Un livello particolarmente basso di antitrombina riscontrato nei pazienti obesi affetti da coronavirus spiegherebbe il fallimento della terapia con eparina somministrata per scongiurare la trombosi venosa e l’embolia polmonare, prime cause di mortalità legata all’infezione da COVID-19.
Questo il risultato di uno studio, pubblicato sulla rivista “Nutrition, Metabolism and Cardiovascular Diseases“, condotto da un team di ricercatori dell’Istituto Clinico Beato Matteo di Vigevano guidati dal dottor Carmine Gazzaruso – Responsabile delle Unità Operative di Diabetologia, Endocrinologia, Malattie Metaboliche e Vascolari – che ha visto coinvolti 49 pazienti ricoverati per Covid-19.
I ricercatori sono partiti da una prima evidenza: nonostante l’anticoagulazione, gestita principalmente con eparina, la mortalità per eventi tromboembolici rimaneva comunque alta. All’interno del campione, infatti, 16 pazienti non erano sopravvissuti alla malattia.
I ricercatori si sono quindi concentrati nell’individuazione di eventuali fattori comuni a tutti i soggetti, che potessero chiarire le motivazioni del fallimento della terapia.
Il primo elemento riscontrato nei 16 pazienti era il livello basso di antitrombina, rispetto alla normalità. L’antitrombina è una proteina prodotta dal fegato, necessaria per il funzionamento dell’eparina.
Altro comune denominatore era il BMI superiore a 30, quindi un grado di obesità da lieve a severa, che si rivelerebbe pertanto un fattore prognostico negativo.
Questa evidenza sottolineava come i soggetti obesi, che molti studi epidemiologici hanno identificato come i profili a più alto rischio di ricovero in terapia intensiva e di morte tra i malati di COVID-19, siano i più colpiti dalla carenza di antitrombina.

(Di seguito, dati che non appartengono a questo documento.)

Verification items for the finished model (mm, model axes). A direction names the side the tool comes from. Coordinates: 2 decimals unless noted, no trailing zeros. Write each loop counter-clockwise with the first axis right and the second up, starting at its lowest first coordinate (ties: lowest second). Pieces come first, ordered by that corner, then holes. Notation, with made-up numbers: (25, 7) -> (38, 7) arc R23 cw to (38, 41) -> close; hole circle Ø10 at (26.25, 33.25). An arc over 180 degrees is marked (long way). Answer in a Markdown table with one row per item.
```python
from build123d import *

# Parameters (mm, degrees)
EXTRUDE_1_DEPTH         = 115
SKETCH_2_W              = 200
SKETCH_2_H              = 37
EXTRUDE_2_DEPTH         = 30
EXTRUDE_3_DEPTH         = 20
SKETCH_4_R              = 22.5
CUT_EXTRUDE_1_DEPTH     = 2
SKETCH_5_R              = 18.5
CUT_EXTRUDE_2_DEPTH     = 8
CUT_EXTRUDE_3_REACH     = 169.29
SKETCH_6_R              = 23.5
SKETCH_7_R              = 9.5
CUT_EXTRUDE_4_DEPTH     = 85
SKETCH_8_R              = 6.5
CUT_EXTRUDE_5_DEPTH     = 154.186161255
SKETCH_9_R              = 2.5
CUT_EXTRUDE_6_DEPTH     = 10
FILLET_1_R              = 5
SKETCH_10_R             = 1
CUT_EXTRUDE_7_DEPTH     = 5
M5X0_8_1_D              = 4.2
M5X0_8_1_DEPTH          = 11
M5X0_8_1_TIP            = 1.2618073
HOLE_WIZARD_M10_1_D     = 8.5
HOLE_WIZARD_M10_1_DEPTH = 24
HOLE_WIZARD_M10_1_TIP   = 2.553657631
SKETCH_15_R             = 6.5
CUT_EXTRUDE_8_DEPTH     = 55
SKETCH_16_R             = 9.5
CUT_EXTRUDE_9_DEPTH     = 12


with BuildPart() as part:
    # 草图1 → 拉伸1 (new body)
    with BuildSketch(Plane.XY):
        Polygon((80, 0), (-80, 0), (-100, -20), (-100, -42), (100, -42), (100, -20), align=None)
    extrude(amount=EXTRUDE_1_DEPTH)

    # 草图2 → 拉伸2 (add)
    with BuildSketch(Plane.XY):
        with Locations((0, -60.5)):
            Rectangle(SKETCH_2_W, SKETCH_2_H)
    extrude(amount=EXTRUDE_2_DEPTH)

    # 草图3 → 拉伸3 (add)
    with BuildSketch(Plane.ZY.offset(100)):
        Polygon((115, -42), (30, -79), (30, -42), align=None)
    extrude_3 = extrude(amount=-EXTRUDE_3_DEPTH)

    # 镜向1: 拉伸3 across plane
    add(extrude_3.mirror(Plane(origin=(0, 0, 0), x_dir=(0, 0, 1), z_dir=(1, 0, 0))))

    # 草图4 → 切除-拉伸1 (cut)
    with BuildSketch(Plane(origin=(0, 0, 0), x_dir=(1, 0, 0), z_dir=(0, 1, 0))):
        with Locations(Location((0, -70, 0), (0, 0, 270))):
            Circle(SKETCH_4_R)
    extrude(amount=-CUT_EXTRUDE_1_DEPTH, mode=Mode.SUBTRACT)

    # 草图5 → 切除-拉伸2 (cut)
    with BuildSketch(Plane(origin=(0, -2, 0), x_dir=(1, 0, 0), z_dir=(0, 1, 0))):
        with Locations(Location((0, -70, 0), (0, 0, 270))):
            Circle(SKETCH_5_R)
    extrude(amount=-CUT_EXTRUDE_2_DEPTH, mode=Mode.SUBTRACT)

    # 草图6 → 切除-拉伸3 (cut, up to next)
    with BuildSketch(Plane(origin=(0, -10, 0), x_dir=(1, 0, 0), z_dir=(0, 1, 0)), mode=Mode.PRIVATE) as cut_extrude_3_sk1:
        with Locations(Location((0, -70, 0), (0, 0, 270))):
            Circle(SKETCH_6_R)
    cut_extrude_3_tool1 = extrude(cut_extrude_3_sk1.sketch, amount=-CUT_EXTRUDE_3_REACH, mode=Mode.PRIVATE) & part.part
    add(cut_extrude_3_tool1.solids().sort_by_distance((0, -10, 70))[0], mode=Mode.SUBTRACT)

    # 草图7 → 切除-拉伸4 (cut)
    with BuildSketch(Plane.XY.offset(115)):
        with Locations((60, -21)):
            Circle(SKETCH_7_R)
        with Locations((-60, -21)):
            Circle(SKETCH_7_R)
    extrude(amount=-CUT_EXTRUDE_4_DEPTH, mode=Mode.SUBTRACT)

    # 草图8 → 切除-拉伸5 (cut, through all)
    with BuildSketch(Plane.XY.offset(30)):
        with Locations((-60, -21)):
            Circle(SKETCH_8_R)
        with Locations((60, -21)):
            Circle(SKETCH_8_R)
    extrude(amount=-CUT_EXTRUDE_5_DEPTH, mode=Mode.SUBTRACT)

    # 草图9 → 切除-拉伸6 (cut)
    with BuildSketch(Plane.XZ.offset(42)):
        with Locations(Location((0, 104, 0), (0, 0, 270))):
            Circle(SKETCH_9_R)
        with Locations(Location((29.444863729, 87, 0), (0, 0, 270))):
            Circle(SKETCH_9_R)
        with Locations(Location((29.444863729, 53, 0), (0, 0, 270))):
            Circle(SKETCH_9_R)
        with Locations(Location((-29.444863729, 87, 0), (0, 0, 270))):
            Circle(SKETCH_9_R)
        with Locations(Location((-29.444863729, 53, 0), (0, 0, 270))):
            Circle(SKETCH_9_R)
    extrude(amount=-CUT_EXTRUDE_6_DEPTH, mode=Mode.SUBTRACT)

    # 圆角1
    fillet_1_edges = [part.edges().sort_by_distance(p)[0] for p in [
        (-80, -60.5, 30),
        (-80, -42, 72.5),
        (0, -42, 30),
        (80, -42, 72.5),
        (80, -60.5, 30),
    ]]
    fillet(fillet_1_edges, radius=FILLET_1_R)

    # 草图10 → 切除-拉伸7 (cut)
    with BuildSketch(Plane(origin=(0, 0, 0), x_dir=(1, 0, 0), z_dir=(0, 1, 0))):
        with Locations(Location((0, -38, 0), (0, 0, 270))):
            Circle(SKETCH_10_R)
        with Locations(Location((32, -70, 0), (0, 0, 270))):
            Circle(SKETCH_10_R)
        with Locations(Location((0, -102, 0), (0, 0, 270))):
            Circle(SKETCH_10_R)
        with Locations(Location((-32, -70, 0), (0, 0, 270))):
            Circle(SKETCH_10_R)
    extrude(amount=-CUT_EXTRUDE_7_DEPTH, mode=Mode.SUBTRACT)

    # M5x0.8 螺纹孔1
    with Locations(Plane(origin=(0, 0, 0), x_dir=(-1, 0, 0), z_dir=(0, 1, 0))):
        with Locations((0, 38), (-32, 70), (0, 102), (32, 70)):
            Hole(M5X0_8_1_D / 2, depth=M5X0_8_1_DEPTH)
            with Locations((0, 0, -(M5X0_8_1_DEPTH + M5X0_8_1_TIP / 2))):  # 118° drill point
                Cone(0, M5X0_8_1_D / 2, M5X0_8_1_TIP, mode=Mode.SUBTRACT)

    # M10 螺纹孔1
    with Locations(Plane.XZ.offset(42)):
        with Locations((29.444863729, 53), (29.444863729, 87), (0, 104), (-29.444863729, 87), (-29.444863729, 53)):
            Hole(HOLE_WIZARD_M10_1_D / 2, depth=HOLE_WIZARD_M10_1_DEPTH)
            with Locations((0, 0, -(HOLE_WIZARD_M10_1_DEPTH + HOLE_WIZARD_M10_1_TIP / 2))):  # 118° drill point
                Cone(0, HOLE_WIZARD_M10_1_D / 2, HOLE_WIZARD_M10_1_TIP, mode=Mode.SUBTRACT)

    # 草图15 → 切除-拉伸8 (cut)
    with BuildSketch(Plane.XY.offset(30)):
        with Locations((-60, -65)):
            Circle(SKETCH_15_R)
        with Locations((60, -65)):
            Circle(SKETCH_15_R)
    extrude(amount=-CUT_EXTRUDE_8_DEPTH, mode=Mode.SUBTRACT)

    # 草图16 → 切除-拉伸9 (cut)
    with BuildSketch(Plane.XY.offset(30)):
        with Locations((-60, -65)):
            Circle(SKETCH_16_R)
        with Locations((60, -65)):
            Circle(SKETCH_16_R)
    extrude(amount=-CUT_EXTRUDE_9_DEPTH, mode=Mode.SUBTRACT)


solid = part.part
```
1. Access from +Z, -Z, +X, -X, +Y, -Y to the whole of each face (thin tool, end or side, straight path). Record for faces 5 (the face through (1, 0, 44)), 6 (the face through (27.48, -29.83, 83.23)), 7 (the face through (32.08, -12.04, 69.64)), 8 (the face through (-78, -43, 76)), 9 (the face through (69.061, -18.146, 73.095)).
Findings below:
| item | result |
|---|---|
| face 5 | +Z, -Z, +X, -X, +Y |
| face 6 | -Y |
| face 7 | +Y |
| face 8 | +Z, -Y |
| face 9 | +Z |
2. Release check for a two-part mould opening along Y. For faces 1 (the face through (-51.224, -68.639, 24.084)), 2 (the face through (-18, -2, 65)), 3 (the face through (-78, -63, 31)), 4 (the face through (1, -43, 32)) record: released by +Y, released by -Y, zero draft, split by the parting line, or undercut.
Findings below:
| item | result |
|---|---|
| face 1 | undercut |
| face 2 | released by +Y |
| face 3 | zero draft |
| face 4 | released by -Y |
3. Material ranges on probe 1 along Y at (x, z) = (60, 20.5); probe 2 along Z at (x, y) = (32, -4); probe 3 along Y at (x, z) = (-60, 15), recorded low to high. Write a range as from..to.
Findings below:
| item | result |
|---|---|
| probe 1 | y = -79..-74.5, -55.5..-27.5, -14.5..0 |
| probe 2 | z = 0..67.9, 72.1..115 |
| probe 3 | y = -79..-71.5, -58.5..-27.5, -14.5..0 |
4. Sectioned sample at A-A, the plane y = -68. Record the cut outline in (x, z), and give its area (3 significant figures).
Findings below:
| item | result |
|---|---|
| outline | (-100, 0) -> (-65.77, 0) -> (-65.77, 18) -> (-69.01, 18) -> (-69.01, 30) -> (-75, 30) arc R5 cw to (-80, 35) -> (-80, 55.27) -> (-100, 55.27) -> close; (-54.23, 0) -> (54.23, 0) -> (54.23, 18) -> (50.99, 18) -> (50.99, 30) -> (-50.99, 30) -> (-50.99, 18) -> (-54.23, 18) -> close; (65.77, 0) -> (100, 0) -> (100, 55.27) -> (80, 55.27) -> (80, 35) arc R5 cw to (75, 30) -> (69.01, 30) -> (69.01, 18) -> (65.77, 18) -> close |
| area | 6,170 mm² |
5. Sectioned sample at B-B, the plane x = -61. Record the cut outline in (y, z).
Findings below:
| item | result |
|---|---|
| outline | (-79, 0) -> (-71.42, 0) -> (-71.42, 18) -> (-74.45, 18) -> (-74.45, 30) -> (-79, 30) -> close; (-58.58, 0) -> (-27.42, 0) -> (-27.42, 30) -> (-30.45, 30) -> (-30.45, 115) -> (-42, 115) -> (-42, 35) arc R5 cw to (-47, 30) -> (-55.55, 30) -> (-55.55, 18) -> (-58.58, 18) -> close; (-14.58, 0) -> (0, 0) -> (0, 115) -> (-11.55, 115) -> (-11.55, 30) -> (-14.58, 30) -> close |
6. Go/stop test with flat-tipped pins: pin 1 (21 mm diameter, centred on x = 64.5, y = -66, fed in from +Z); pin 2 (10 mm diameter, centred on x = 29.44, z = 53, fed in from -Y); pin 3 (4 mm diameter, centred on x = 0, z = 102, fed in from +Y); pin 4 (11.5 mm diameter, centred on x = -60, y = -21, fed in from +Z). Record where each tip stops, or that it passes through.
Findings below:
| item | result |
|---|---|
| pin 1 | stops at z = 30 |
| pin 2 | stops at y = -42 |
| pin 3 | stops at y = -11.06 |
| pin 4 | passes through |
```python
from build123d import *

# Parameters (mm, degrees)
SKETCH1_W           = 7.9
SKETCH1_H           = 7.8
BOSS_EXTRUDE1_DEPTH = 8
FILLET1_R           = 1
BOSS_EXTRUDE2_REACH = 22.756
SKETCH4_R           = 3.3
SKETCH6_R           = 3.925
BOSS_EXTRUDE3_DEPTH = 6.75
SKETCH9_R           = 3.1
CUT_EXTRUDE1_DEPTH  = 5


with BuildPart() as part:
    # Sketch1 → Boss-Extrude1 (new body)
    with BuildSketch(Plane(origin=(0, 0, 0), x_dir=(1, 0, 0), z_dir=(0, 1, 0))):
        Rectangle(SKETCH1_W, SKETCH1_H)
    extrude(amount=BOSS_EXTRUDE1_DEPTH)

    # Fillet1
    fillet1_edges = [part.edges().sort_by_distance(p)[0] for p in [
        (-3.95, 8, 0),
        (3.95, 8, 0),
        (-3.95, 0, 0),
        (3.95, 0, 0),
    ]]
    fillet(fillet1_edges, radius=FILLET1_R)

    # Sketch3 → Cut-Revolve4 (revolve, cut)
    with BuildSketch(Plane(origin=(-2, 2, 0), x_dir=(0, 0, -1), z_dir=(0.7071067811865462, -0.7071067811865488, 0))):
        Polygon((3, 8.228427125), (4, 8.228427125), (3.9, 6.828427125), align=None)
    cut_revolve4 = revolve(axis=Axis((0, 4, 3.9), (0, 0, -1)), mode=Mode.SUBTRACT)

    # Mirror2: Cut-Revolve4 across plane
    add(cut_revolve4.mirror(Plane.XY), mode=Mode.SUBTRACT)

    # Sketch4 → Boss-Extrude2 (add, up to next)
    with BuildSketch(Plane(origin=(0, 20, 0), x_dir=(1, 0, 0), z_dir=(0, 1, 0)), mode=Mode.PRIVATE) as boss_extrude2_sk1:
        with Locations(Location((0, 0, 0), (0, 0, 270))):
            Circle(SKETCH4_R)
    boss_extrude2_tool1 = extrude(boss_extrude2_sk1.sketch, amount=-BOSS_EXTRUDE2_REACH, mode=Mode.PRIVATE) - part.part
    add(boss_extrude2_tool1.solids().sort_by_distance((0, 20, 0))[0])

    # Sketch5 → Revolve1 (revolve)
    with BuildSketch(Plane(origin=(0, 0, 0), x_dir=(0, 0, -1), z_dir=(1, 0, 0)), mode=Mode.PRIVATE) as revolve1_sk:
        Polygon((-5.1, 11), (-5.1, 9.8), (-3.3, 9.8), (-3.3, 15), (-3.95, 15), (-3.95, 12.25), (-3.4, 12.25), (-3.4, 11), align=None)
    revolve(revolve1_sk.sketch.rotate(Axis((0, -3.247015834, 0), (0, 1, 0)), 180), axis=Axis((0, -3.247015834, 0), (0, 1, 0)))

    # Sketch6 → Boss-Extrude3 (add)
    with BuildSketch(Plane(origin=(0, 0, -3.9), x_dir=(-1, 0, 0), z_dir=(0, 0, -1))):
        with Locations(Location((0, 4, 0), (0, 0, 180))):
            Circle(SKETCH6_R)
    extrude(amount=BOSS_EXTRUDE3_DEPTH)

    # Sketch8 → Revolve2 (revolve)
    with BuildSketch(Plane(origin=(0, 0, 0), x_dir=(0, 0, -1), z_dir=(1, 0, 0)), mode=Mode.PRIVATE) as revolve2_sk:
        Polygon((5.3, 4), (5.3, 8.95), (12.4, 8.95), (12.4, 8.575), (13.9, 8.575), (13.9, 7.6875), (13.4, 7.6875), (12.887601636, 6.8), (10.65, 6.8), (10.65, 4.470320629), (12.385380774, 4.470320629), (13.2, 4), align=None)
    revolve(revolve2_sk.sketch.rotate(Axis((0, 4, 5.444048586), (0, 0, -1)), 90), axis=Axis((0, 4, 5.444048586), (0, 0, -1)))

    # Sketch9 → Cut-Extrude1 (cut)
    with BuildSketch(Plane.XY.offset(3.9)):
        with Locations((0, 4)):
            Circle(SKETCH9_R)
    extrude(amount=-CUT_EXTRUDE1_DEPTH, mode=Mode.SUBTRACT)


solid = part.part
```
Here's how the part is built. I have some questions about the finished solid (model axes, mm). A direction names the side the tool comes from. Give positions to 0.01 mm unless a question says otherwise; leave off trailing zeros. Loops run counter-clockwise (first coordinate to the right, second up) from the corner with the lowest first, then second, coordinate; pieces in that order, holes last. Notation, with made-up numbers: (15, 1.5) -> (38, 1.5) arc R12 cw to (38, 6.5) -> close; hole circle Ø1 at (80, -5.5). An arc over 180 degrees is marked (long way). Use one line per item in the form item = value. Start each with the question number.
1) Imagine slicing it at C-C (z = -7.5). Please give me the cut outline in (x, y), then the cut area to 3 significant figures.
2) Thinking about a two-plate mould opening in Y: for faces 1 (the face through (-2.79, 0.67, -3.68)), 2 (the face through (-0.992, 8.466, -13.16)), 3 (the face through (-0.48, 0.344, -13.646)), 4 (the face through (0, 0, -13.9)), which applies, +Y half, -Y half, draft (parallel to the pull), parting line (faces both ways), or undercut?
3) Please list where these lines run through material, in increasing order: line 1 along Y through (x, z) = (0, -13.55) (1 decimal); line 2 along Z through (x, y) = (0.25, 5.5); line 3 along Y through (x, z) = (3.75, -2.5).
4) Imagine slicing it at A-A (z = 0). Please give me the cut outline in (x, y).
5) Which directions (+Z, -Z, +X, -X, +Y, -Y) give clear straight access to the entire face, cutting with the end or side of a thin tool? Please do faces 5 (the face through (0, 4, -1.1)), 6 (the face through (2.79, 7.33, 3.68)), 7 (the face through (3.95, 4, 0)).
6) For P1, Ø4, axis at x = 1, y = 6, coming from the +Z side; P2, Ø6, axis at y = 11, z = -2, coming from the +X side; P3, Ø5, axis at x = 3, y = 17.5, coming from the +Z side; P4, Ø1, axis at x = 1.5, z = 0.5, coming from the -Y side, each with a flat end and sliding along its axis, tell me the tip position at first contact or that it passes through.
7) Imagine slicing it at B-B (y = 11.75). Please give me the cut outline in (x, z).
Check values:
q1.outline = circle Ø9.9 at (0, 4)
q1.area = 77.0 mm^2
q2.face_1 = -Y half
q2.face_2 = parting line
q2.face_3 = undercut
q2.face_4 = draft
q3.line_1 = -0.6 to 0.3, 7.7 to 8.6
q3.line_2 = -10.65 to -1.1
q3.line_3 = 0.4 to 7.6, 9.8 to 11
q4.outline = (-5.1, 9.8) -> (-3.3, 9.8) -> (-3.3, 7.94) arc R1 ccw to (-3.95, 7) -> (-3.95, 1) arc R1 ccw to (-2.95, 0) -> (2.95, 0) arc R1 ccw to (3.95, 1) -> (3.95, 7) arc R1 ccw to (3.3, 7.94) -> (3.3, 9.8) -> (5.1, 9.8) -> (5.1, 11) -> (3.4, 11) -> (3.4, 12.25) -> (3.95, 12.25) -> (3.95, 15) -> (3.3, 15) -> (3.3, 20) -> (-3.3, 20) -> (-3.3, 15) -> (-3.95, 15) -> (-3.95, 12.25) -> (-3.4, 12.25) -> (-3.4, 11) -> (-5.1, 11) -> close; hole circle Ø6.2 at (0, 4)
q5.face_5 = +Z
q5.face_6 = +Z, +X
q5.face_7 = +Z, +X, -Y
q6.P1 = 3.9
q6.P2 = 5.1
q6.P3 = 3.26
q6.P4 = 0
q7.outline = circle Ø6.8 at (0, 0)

“I dati suggeriscono innanzitutto come un basso livello di antitrombina sia fortemente associata alla mortalità nei pazienti affetti da Covid-19. Inoltre, l’AT può essere ciò che lega l’obesità e la prognosi infausta nei pazienti con coronavirusv – afferma il dottor Carmine Gazzaruso -. Il nostro studio apre la strada ad altre ricerche relative all’antitrombina, che può diventare un marcatore prognostico e un bersaglio terapeutico per la cura del COVID-19”.
L’indagine si rivela quindi preziosa perché può fornire valide indicazioni in merito alle future terapie anti-coronavirus, come: la supplementazione di antitrombina concentrata in una fase precoce della malattia; l’impiego di plasma fresco concentrato, non necessariamente iperimmune, ricco anch’esso di antitrombina e più facilmente reperibile.
Lo studio suggerisce anche l’utilizzo di anticoagulanti alternativi all’eparina, che aggirino quindi la problematica relativa alla carenza di antitrombina.
“Mi auguro che i risultati e le indicazioni contenute nel nostro lavoro possano essere utili per quei Paesi in cui il COVID-19 si sta manifestando in tutta la propria potenza, ma anche per l’Italia affinché possa trovarsi preparata di fronte a un’eventuale nuova emergenza” conclude il dottor Gazzaruso.